By Gyan Pathak


COVID-19 has serious implications on agriculture, rural employment, and food security. Policy responses in relation to COVID-19 outbreak include several agriculture policies, agro-food supply chain policies, consumer policies, trade policies and others. However, much more are needed to overcome the crisis it has presented. Moreover, the legacy of problems cannot be left unsolved now without aggravating the agriculture crisis with the new COVID-19 twist and the largest number of stomachs in the world to feed within seven years. 
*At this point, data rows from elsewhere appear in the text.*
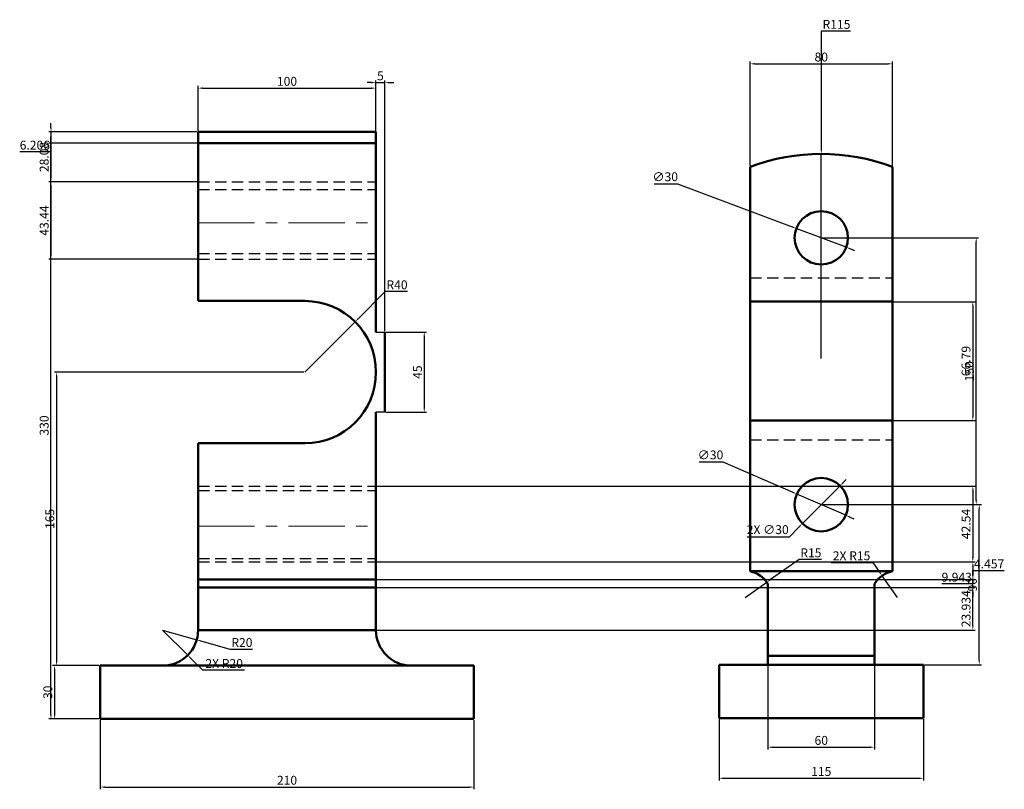
# Model space of a CAD drawing. Units: millimetres. Extents: x 1084 to 2343, y 1141 to 1965.
# Tile 2 of 4: x 1084 to 1638, y 1532 to 1965. Entities that reach past the tile are written whole.
import ezdxf

# ---------------------------------------------------------------- set-up
doc = ezdxf.new("R2010")
doc.units = ezdxf.units.MM
doc.linetypes.add('CENTER', pattern=[50.8, 31.75, -6.35, 6.35, -6.35])
doc.linetypes.add('HIDDEN', pattern=[9.525, 6.35, -3.175])
for name, color, linetype, lineweight in [('M-CNTR', 1, 'CENTER', 18), ('M-DIMS', 2, 'Continuous', 25), ('M-HIDN', 8, 'HIDDEN', 25), ('M-OUTL', 7, 'Continuous', 50)]:
    doc.layers.add(name, color=color, linetype=linetype, lineweight=lineweight)
doc.styles.get("Standard").update_dxf_attribs({"font": 'arial.ttf'})
doc.dimstyles.new('ISO-25', dxfattribs={"dimtxt": 5, "dimasz": 2.5, "dimexe": 1.25, "dimexo": 0.625, "dimtad": 1, "dimtoh": 1, "dimdec": 0, "dimtxsty": 'Standard', "dimcen": 2.5, "dimadec": 0, "dimazin": 0, "dimtfac": 1, "dimtdec": 0, "dimtmove": 0, "dimatfit": 3, "dimfxl": 1, "dimarcsym": 0})

# ---------------------------------------------------------------- blocks, each defined once
blk = doc.blocks.new('*D1')
at = {"layer": 'Defpoints', "color": 0, "transparency": 16777216}
for p in [(1129.73, 1571.53), (1339.73, 1571.53), (1339.73, 1533.25)]:
    blk.add_point(p, dxfattribs=at)
at = {"layer": 'M-DIMS', "color": 0, "lineweight": -2, "transparency": 16777216}
for p, q in [((1129.73, 1570.9), (1129.73, 1532)), ((1339.73, 1570.9), (1339.73, 1532)), ((1132.23, 1533.25), (1337.23, 1533.25))]:
    blk.add_line(p, q, dxfattribs=at)
at = {"layer": 'M-DIMS', "color": 0, "transparency": 16777216}
for points in [[(1132.23, 1533.67), (1132.23, 1532.84), (1129.73, 1533.25)], [(1337.23, 1533.67), (1337.23, 1532.84), (1339.73, 1533.25)]]:
    blk.add_solid(points, dxfattribs=at)
at = {"layer": 'M-DIMS', "color": 0, "transparency": 16777216, "insert": (1234.73, 1536.43), "char_height": 5, "attachment_point": 5}
blk.add_mtext('210', dxfattribs=at)
blk = doc.blocks.new('*D2')
at = {"layer": 'Defpoints', "color": 0, "transparency": 16777216}
for p in [(1129.73, 1601.53), (1104.02, 1571.53), (1129.73, 1571.53)]:
    blk.add_point(p, dxfattribs=at)
at = {"layer": 'M-DIMS', "color": 0, "lineweight": -2, "transparency": 16777216}
for p, q in [((1129.1, 1601.53), (1102.77, 1601.53)), ((1104.02, 1599.03), (1104.02, 1574.03)), ((1129.1, 1571.53), (1102.77, 1571.53))]:
    blk.add_line(p, q, dxfattribs=at)
at = {"layer": 'M-DIMS', "color": 0, "transparency": 16777216}
for points in [[(1103.6, 1599.03), (1104.44, 1599.03), (1104.02, 1601.53)], [(1103.6, 1574.03), (1104.44, 1574.03), (1104.02, 1571.53)]]:
    blk.add_solid(points, dxfattribs=at)
at = {"layer": 'M-DIMS', "color": 0, "transparency": 16777216, "insert": (1100.84, 1586.53), "char_height": 5, "attachment_point": 5, "rotation": 90}
blk.add_mtext('30', dxfattribs=at)
blk = doc.blocks.new('*D3')
at = {"layer": 'Defpoints', "color": 0, "transparency": 16777216}
for p in [(1244.73, 1766.53), (1105.16, 1601.53), (1129.73, 1601.53)]:
    blk.add_point(p, dxfattribs=at)
at = {"layer": 'M-DIMS', "color": 0, "lineweight": -2, "transparency": 16777216}
for p, q in [((1244.1, 1766.53), (1103.91, 1766.53)), ((1105.16, 1764.03), (1105.16, 1604.03)), ((1129.1, 1601.53), (1103.91, 1601.53))]:
    blk.add_line(p, q, dxfattribs=at)
at = {"layer": 'M-DIMS', "color": 0, "transparency": 16777216}
for points in [[(1104.74, 1764.03), (1105.57, 1764.03), (1105.16, 1766.53)], [(1104.74, 1604.03), (1105.57, 1604.03), (1105.16, 1601.53)]]:
    blk.add_solid(points, dxfattribs=at)
at = {"layer": 'M-DIMS', "color": 0, "transparency": 16777216, "insert": (1101.98, 1684.03), "char_height": 5, "attachment_point": 5, "rotation": 90}
blk.add_mtext('165', dxfattribs=at)
blk = doc.blocks.new('*D4')
at = {"layer": 'Defpoints', "color": 0, "transparency": 16777216}
for p in [(1289.73, 1789.03), (1289.73, 1744.03), (1311.91, 1744.03)]:
    blk.add_point(p, dxfattribs=at)
at = {"layer": 'M-DIMS', "color": 0, "lineweight": -2, "transparency": 16777216}
for p, q in [((1290.35, 1789.03), (1313.16, 1789.03)), ((1311.91, 1786.53), (1311.91, 1746.53)), ((1290.35, 1744.03), (1313.16, 1744.03))]:
    blk.add_line(p, q, dxfattribs=at)
at = {"layer": 'M-DIMS', "color": 0, "transparency": 16777216}
for points in [[(1311.49, 1786.53), (1312.32, 1786.53), (1311.91, 1789.03)], [(1311.49, 1746.53), (1312.32, 1746.53), (1311.91, 1744.03)]]:
    blk.add_solid(points, dxfattribs=at)
at = {"layer": 'M-DIMS', "color": 0, "transparency": 16777216, "insert": (1308.74, 1766.53), "char_height": 5, "attachment_point": 5, "rotation": 90}
blk.add_mtext('45', dxfattribs=at)
blk = doc.blocks.new('*D5')
at = {"layer": 'Defpoints', "color": 0, "transparency": 16777216}
for p in [(1284.73, 1926.18), (1184.73, 1901.53), (1284.73, 1901.53)]:
    blk.add_point(p, dxfattribs=at)
at = {"layer": 'M-DIMS', "color": 0, "lineweight": -2, "transparency": 16777216}
for p, q in [((1184.73, 1902.15), (1184.73, 1927.43)), ((1284.73, 1902.15), (1284.73, 1927.43)), ((1187.23, 1926.18), (1282.23, 1926.18))]:
    blk.add_line(p, q, dxfattribs=at)
at = {"layer": 'M-DIMS', "color": 0, "transparency": 16777216}
for points in [[(1187.23, 1926.6), (1187.23, 1925.76), (1184.73, 1926.18)], [(1282.23, 1926.6), (1282.23, 1925.76), (1284.73, 1926.18)]]:
    blk.add_solid(points, dxfattribs=at)
at = {"layer": 'M-DIMS', "color": 0, "transparency": 16777216, "insert": (1234.73, 1929.36), "char_height": 5, "attachment_point": 5}
blk.add_mtext('100', dxfattribs=at)
blk = doc.blocks.new('*D6')
at = {"layer": 'Defpoints', "color": 0, "transparency": 16777216}
for p in [(1164.73, 1621.53), (1183.96, 1616.04)]:
    blk.add_point(p, dxfattribs=at)
at = {"layer": 'M-DIMS', "color": 0, "lineweight": -2, "transparency": 16777216}
for p, q in [((1164.73, 1621.53), (1183.96, 1616.04)), ((1202.75, 1610.68), (1186.36, 1615.35)), ((1215.3, 1610.68), (1202.75, 1610.68))]:
    blk.add_line(p, q, dxfattribs=at)
at = {"layer": 'M-DIMS', "color": 0, "transparency": 16777216}
blk.add_solid([(1186.48, 1615.75), (1186.25, 1614.95), (1183.96, 1616.04)], dxfattribs=at)
at = {"layer": 'M-DIMS', "color": 0, "transparency": 16777216, "insert": (1209.34, 1613.86), "char_height": 5, "attachment_point": 5}
blk.add_mtext('R20', dxfattribs=at)
blk = doc.blocks.new('*D7')
at = {"layer": 'Defpoints', "color": 0, "transparency": 16777216}
for p in [(1477.66, 1572.02), (1592.66, 1572.02), (1592.66, 1538.19)]:
    blk.add_point(p, dxfattribs=at)
at = {"layer": 'M-DIMS', "color": 0, "lineweight": -2, "transparency": 16777216}
for p, q in [((1477.66, 1571.39), (1477.66, 1536.94)), ((1592.66, 1571.39), (1592.66, 1536.94)), ((1480.16, 1538.19), (1590.16, 1538.19))]:
    blk.add_line(p, q, dxfattribs=at)
at = {"layer": 'M-DIMS', "color": 0, "transparency": 16777216}
for points in [[(1480.16, 1538.6), (1480.16, 1537.77), (1477.66, 1538.19)], [(1590.16, 1538.6), (1590.16, 1537.77), (1592.66, 1538.19)]]:
    blk.add_solid(points, dxfattribs=at)
at = {"layer": 'M-DIMS', "color": 0, "transparency": 16777216, "insert": (1535.16, 1541.37), "char_height": 5, "attachment_point": 5}
blk.add_mtext('115', dxfattribs=at)
blk = doc.blocks.new('*D8')
at = {"layer": 'Defpoints', "color": 0, "transparency": 16777216}
for p in [(1505.16, 1602.02), (1565.16, 1602.02), (1565.16, 1555.67)]:
    blk.add_point(p, dxfattribs=at)
at = {"layer": 'M-DIMS', "color": 0, "lineweight": -2, "transparency": 16777216}
for p, q in [((1505.16, 1601.39), (1505.16, 1554.42)), ((1565.16, 1601.39), (1565.16, 1554.42)), ((1507.66, 1555.67), (1562.66, 1555.67))]:
    blk.add_line(p, q, dxfattribs=at)
at = {"layer": 'M-DIMS', "color": 0, "transparency": 16777216}
for points in [[(1507.66, 1556.09), (1507.66, 1555.25), (1505.16, 1555.67)], [(1562.66, 1556.09), (1562.66, 1555.25), (1565.16, 1555.67)]]:
    blk.add_solid(points, dxfattribs=at)
at = {"layer": 'M-DIMS', "color": 0, "transparency": 16777216, "insert": (1535.16, 1558.85), "char_height": 5, "attachment_point": 5}
blk.add_mtext('60', dxfattribs=at)
blk = doc.blocks.new('*D9')
at = {"layer": 'Defpoints', "color": 0, "transparency": 16777216}
for p in [(1535.16, 1692.02), (1624, 1692.02), (1592.66, 1602.02)]:
    blk.add_point(p, dxfattribs=at)
at = {"layer": 'M-DIMS', "color": 0, "lineweight": -2, "transparency": 16777216}
for p, q in [((1535.78, 1692.02), (1625.25, 1692.02)), ((1624, 1604.52), (1624, 1689.52)), ((1593.28, 1602.02), (1625.25, 1602.02))]:
    blk.add_line(p, q, dxfattribs=at)
at = {"layer": 'M-DIMS', "color": 0, "transparency": 16777216}
for points in [[(1623.58, 1689.52), (1624.42, 1689.52), (1624, 1692.02)], [(1623.58, 1604.52), (1624.42, 1604.52), (1624, 1602.02)]]:
    blk.add_solid(points, dxfattribs=at)
at = {"layer": 'M-DIMS', "color": 0, "transparency": 16777216, "insert": (1620.82, 1647.02), "char_height": 5, "attachment_point": 5, "rotation": 90}
blk.add_mtext('90', dxfattribs=at)
blk = doc.blocks.new('*D10')
at = {"layer": 'Defpoints', "color": 0, "transparency": 16777216}
for p in [(1535.16, 1842.02), (1622.3, 1842.02), (1535.16, 1692.02)]:
    blk.add_point(p, dxfattribs=at)
at = {"layer": 'M-DIMS', "color": 0, "lineweight": -2, "transparency": 16777216}
for p, q in [((1535.78, 1842.02), (1623.55, 1842.02)), ((1622.3, 1694.52), (1622.3, 1839.52)), ((1535.78, 1692.02), (1623.55, 1692.02))]:
    blk.add_line(p, q, dxfattribs=at)
at = {"layer": 'M-DIMS', "color": 0, "transparency": 16777216}
for points in [[(1621.89, 1839.52), (1622.72, 1839.52), (1622.3, 1842.02)], [(1621.89, 1694.52), (1622.72, 1694.52), (1622.3, 1692.02)]]:
    blk.add_solid(points, dxfattribs=at)
at = {"layer": 'M-DIMS', "color": 0, "transparency": 16777216, "insert": (1619.12, 1767.02), "char_height": 5, "attachment_point": 5, "rotation": 90}
blk.add_mtext('150', dxfattribs=at)
blk = doc.blocks.new('*D11')
at = {"layer": 'Defpoints', "color": 0, "transparency": 16777216}
for p in [(1575.16, 1939.86), (1495.16, 1882.02), (1575.16, 1882.02)]:
    blk.add_point(p, dxfattribs=at)
at = {"layer": 'M-DIMS', "color": 0, "lineweight": -2, "transparency": 16777216}
for p, q in [((1495.16, 1882.64), (1495.16, 1941.11)), ((1497.66, 1939.86), (1572.66, 1939.86)), ((1575.16, 1882.64), (1575.16, 1941.11))]:
    blk.add_line(p, q, dxfattribs=at)
at = {"layer": 'M-DIMS', "color": 0, "transparency": 16777216}
for points in [[(1497.66, 1940.27), (1497.66, 1939.44), (1495.16, 1939.86)], [(1572.66, 1940.27), (1572.66, 1939.44), (1575.16, 1939.86)]]:
    blk.add_solid(points, dxfattribs=at)
at = {"layer": 'M-DIMS', "color": 0, "transparency": 16777216, "insert": (1535.16, 1943.03), "char_height": 5, "attachment_point": 5}
blk.add_mtext('80', dxfattribs=at)
blk = doc.blocks.new('*D12')
at = {"layer": 'Defpoints', "color": 0, "transparency": 16777216}
for p in [(1521.12, 1847.3), (1549.2, 1836.74)]:
    blk.add_point(p, dxfattribs=at)
at = {"layer": 'M-DIMS', "color": 0, "lineweight": -2, "transparency": 16777216}
for p, q in [((1441.13, 1872.4), (1454.34, 1872.4)), ((1454.34, 1872.4), (1518.78, 1848.18)), ((1549.2, 1836.74), (1521.12, 1847.3)), ((1551.54, 1835.86), (1553.88, 1834.98))]:
    blk.add_line(p, q, dxfattribs=at)
at = {"layer": 'M-DIMS', "color": 0, "transparency": 16777216}
for points in [[(1518.93, 1848.57), (1518.63, 1847.79), (1521.12, 1847.3)], [(1551.69, 1836.25), (1551.39, 1835.47), (1549.2, 1836.74)]]:
    blk.add_solid(points, dxfattribs=at)
at = {"layer": 'M-DIMS', "color": 0, "transparency": 16777216, "insert": (1447.42, 1875.72), "char_height": 5, "attachment_point": 5}
blk.add_mtext('∅30', dxfattribs=at)
blk = doc.blocks.new('*D13')
at = {"layer": 'Defpoints', "color": 0, "transparency": 16777216}
for p in [(1521.4, 1697.99), (1548.92, 1686.05)]:
    blk.add_point(p, dxfattribs=at)
at = {"layer": 'M-DIMS', "color": 0, "lineweight": -2, "transparency": 16777216}
for p, q in [((1466.57, 1716.04), (1479.78, 1716.04)), ((1479.78, 1716.04), (1519.1, 1698.98)), ((1548.92, 1686.05), (1521.4, 1697.99)), ((1551.21, 1685.06), (1553.51, 1684.06))]:
    blk.add_line(p, q, dxfattribs=at)
at = {"layer": 'M-DIMS', "color": 0, "transparency": 16777216}
for points in [[(1519.27, 1699.37), (1518.94, 1698.6), (1521.4, 1697.99)], [(1551.38, 1685.44), (1551.05, 1684.67), (1548.92, 1686.05)]]:
    blk.add_solid(points, dxfattribs=at)
at = {"layer": 'M-DIMS', "color": 0, "transparency": 16777216, "insert": (1472.87, 1719.35), "char_height": 5, "attachment_point": 5}
blk.add_mtext('∅30', dxfattribs=at)
blk = doc.blocks.new('*D14')
at = {"layer": 'Defpoints', "color": 0, "transparency": 16777216}
for p in [(1504.58, 1648.42), (1492.29, 1639.82)]:
    blk.add_point(p, dxfattribs=at)
at = {"layer": 'M-DIMS', "color": 0, "lineweight": -2, "transparency": 16777216}
for p, q in [((1522.72, 1661.12), (1506.63, 1649.86)), ((1535.33, 1661.12), (1522.72, 1661.12)), ((1492.29, 1639.82), (1504.58, 1648.42))]:
    blk.add_line(p, q, dxfattribs=at)
at = {"layer": 'M-DIMS', "color": 0, "transparency": 16777216}
blk.add_solid([(1506.39, 1650.2), (1506.87, 1649.51), (1504.58, 1648.42)], dxfattribs=at)
at = {"layer": 'M-DIMS', "color": 0, "transparency": 16777216, "insert": (1529.34, 1664.3), "char_height": 5, "attachment_point": 5}
blk.add_mtext('R15', dxfattribs=at)
blk = doc.blocks.new('*D48')
at = {"layer": 'Defpoints', "color": 0, "transparency": 16777216}
for p in [(1101.98, 1901.53), (1184.73, 1901.53), (1129.73, 1571.53)]:
    blk.add_point(p, dxfattribs=at)
at = {"layer": 'M-DIMS', "color": 0, "lineweight": -2, "transparency": 16777216}
for p, q in [((1184.1, 1901.53), (1100.73, 1901.53)), ((1101.98, 1574.03), (1101.98, 1899.03)), ((1129.1, 1571.53), (1100.73, 1571.53))]:
    blk.add_line(p, q, dxfattribs=at)
at = {"layer": 'M-DIMS', "color": 0, "transparency": 16777216}
for points in [[(1101.56, 1899.03), (1102.39, 1899.03), (1101.98, 1901.53)], [(1101.56, 1574.03), (1102.39, 1574.03), (1101.98, 1571.53)]]:
    blk.add_solid(points, dxfattribs=at)
at = {"layer": 'M-DIMS', "color": 0, "transparency": 16777216, "insert": (1098.8, 1736.53), "char_height": 5, "attachment_point": 5, "rotation": 90}
blk.add_mtext('330', dxfattribs=at)
blk = doc.blocks.new('*D49')
at = {"layer": 'Defpoints', "color": 0, "transparency": 16777216}
for p in [(1184.73, 1901.53), (1101.98, 1895.32), (1184.73, 1895.32)]:
    blk.add_point(p, dxfattribs=at)
at = {"layer": 'M-DIMS', "color": 0, "lineweight": -2, "transparency": 16777216}
for p, q in [((1101.98, 1904.03), (1101.98, 1906.53)), ((1184.1, 1901.53), (1100.73, 1901.53)), ((1101.98, 1901.53), (1101.98, 1895.32)), ((1184.1, 1895.32), (1100.73, 1895.32)), ((1101.98, 1890.32), (1084.46, 1890.32)), ((1101.98, 1892.82), (1101.98, 1890.32))]:
    blk.add_line(p, q, dxfattribs=at)
at = {"layer": 'M-DIMS', "color": 0, "transparency": 16777216}
for points in [[(1101.56, 1904.03), (1102.39, 1904.03), (1101.98, 1901.53)], [(1101.56, 1892.82), (1102.39, 1892.82), (1101.98, 1895.32)]]:
    blk.add_solid(points, dxfattribs=at)
at = {"layer": 'M-DIMS', "color": 0, "transparency": 16777216, "insert": (1092.9, 1893.5), "char_height": 5, "attachment_point": 5}
blk.add_mtext('6.206', dxfattribs=at)
blk = doc.blocks.new('*D50')
at = {"layer": 'Defpoints', "color": 0, "transparency": 16777216}
for p in [(1289.73, 1929.28), (1284.73, 1789.03), (1289.73, 1789.03)]:
    blk.add_point(p, dxfattribs=at)
at = {"layer": 'M-DIMS', "color": 0, "lineweight": -2, "transparency": 16777216}
for p, q in [((1282.23, 1929.28), (1279.73, 1929.28)), ((1284.73, 1789.65), (1284.73, 1930.53)), ((1284.73, 1929.28), (1289.73, 1929.28)), ((1289.73, 1789.65), (1289.73, 1930.53)), ((1292.23, 1929.28), (1294.73, 1929.28))]:
    blk.add_line(p, q, dxfattribs=at)
at = {"layer": 'M-DIMS', "color": 0, "transparency": 16777216}
for points in [[(1282.23, 1929.69), (1282.23, 1928.86), (1284.73, 1929.28)], [(1292.23, 1929.69), (1292.23, 1928.86), (1289.73, 1929.28)]]:
    blk.add_solid(points, dxfattribs=at)
at = {"layer": 'M-DIMS', "color": 0, "transparency": 16777216, "insert": (1287.23, 1932.45), "char_height": 5, "attachment_point": 5}
blk.add_mtext('5', dxfattribs=at)
blk = doc.blocks.new('*D51')
at = {"layer": 'Defpoints', "color": 0, "transparency": 16777216}
for p in [(1284.73, 1645.46), (1620.41, 1645.46), (1284.73, 1621.53)]:
    blk.add_point(p, dxfattribs=at)
at = {"layer": 'M-DIMS', "color": 0, "lineweight": -2, "transparency": 16777216}
for p, q in [((1285.35, 1645.46), (1621.66, 1645.46)), ((1620.41, 1624.03), (1620.41, 1642.96)), ((1285.35, 1621.53), (1621.66, 1621.53))]:
    blk.add_line(p, q, dxfattribs=at)
at = {"layer": 'M-DIMS', "color": 0, "transparency": 16777216}
for points in [[(1619.99, 1642.96), (1620.83, 1642.96), (1620.41, 1645.46)], [(1619.99, 1624.03), (1620.83, 1624.03), (1620.41, 1621.53)]]:
    blk.add_solid(points, dxfattribs=at)
at = {"layer": 'M-DIMS', "color": 0, "transparency": 16777216, "insert": (1617.23, 1633.5), "char_height": 5, "attachment_point": 5, "rotation": 90}
blk.add_mtext('23.934', dxfattribs=at)
blk = doc.blocks.new('*D52')
at = {"layer": 'Defpoints', "color": 0, "transparency": 16777216}
for p in [(1284.73, 1649.92), (1284.73, 1645.46), (1620.41, 1649.92)]:
    blk.add_point(p, dxfattribs=at)
at = {"layer": 'M-DIMS', "color": 0, "lineweight": -2, "transparency": 16777216}
for p, q in [((1620.41, 1652.42), (1620.41, 1654.92)), ((1620.41, 1654.92), (1638.11, 1654.92)), ((1285.35, 1649.92), (1621.66, 1649.92)), ((1285.35, 1645.46), (1621.66, 1645.46)), ((1620.41, 1645.46), (1620.41, 1649.92)), ((1620.41, 1642.96), (1620.41, 1640.46))]:
    blk.add_line(p, q, dxfattribs=at)
at = {"layer": 'M-DIMS', "color": 0, "transparency": 16777216}
for points in [[(1619.99, 1652.42), (1620.83, 1652.42), (1620.41, 1649.92)], [(1619.99, 1642.96), (1620.83, 1642.96), (1620.41, 1645.46)]]:
    blk.add_solid(points, dxfattribs=at)
at = {"layer": 'M-DIMS', "color": 0, "transparency": 16777216, "insert": (1629.57, 1658.09), "char_height": 5, "attachment_point": 5}
blk.add_mtext('4.457', dxfattribs=at)
blk = doc.blocks.new('*D53')
at = {"layer": 'Defpoints', "color": 0, "transparency": 16777216}
for p in [(1184.73, 1901.53), (1101.98, 1873.45), (1184.73, 1873.45)]:
    blk.add_point(p, dxfattribs=at)
at = {"layer": 'M-DIMS', "color": 0, "lineweight": -2, "transparency": 16777216}
for p, q in [((1184.1, 1901.53), (1100.73, 1901.53)), ((1101.98, 1899.03), (1101.98, 1875.95)), ((1184.1, 1873.45), (1100.73, 1873.45))]:
    blk.add_line(p, q, dxfattribs=at)
at = {"layer": 'M-DIMS', "color": 0, "transparency": 16777216}
for points in [[(1101.56, 1899.03), (1102.39, 1899.03), (1101.98, 1901.53)], [(1101.56, 1875.95), (1102.39, 1875.95), (1101.98, 1873.45)]]:
    blk.add_solid(points, dxfattribs=at)
at = {"layer": 'M-DIMS', "color": 0, "transparency": 16777216, "insert": (1098.8, 1887.49), "char_height": 5, "attachment_point": 5, "rotation": 90}
blk.add_mtext('28.08', dxfattribs=at)
blk = doc.blocks.new('*D54')
at = {"layer": 'Defpoints', "color": 0, "transparency": 16777216}
for p in [(1184.73, 1873.45), (1101.98, 1830.01), (1184.73, 1830.01)]:
    blk.add_point(p, dxfattribs=at)
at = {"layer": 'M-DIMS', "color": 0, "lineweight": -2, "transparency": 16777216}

It must also be noted that about two-third of the 1.37 billion of the population of the country live in rural areas, and at just 0.15 ha per capita, agriculture land is very scarce. Agriculture accounts for an estimated 43.9 per cent of employment, but its 14.6 per cent share in GDP indicates that labour productivity remains significantly lower than in the rest of the economy. The productivity gap is also reflected in the evolution of farm incomes, which correspond to less than one-third of non-agriculture income. The share of value added from agriculture has been gradually reduced, but mostly in favour of services rather than manufacturing. Indian agriculture is continuing to diversify towards livestock and away from grain crops.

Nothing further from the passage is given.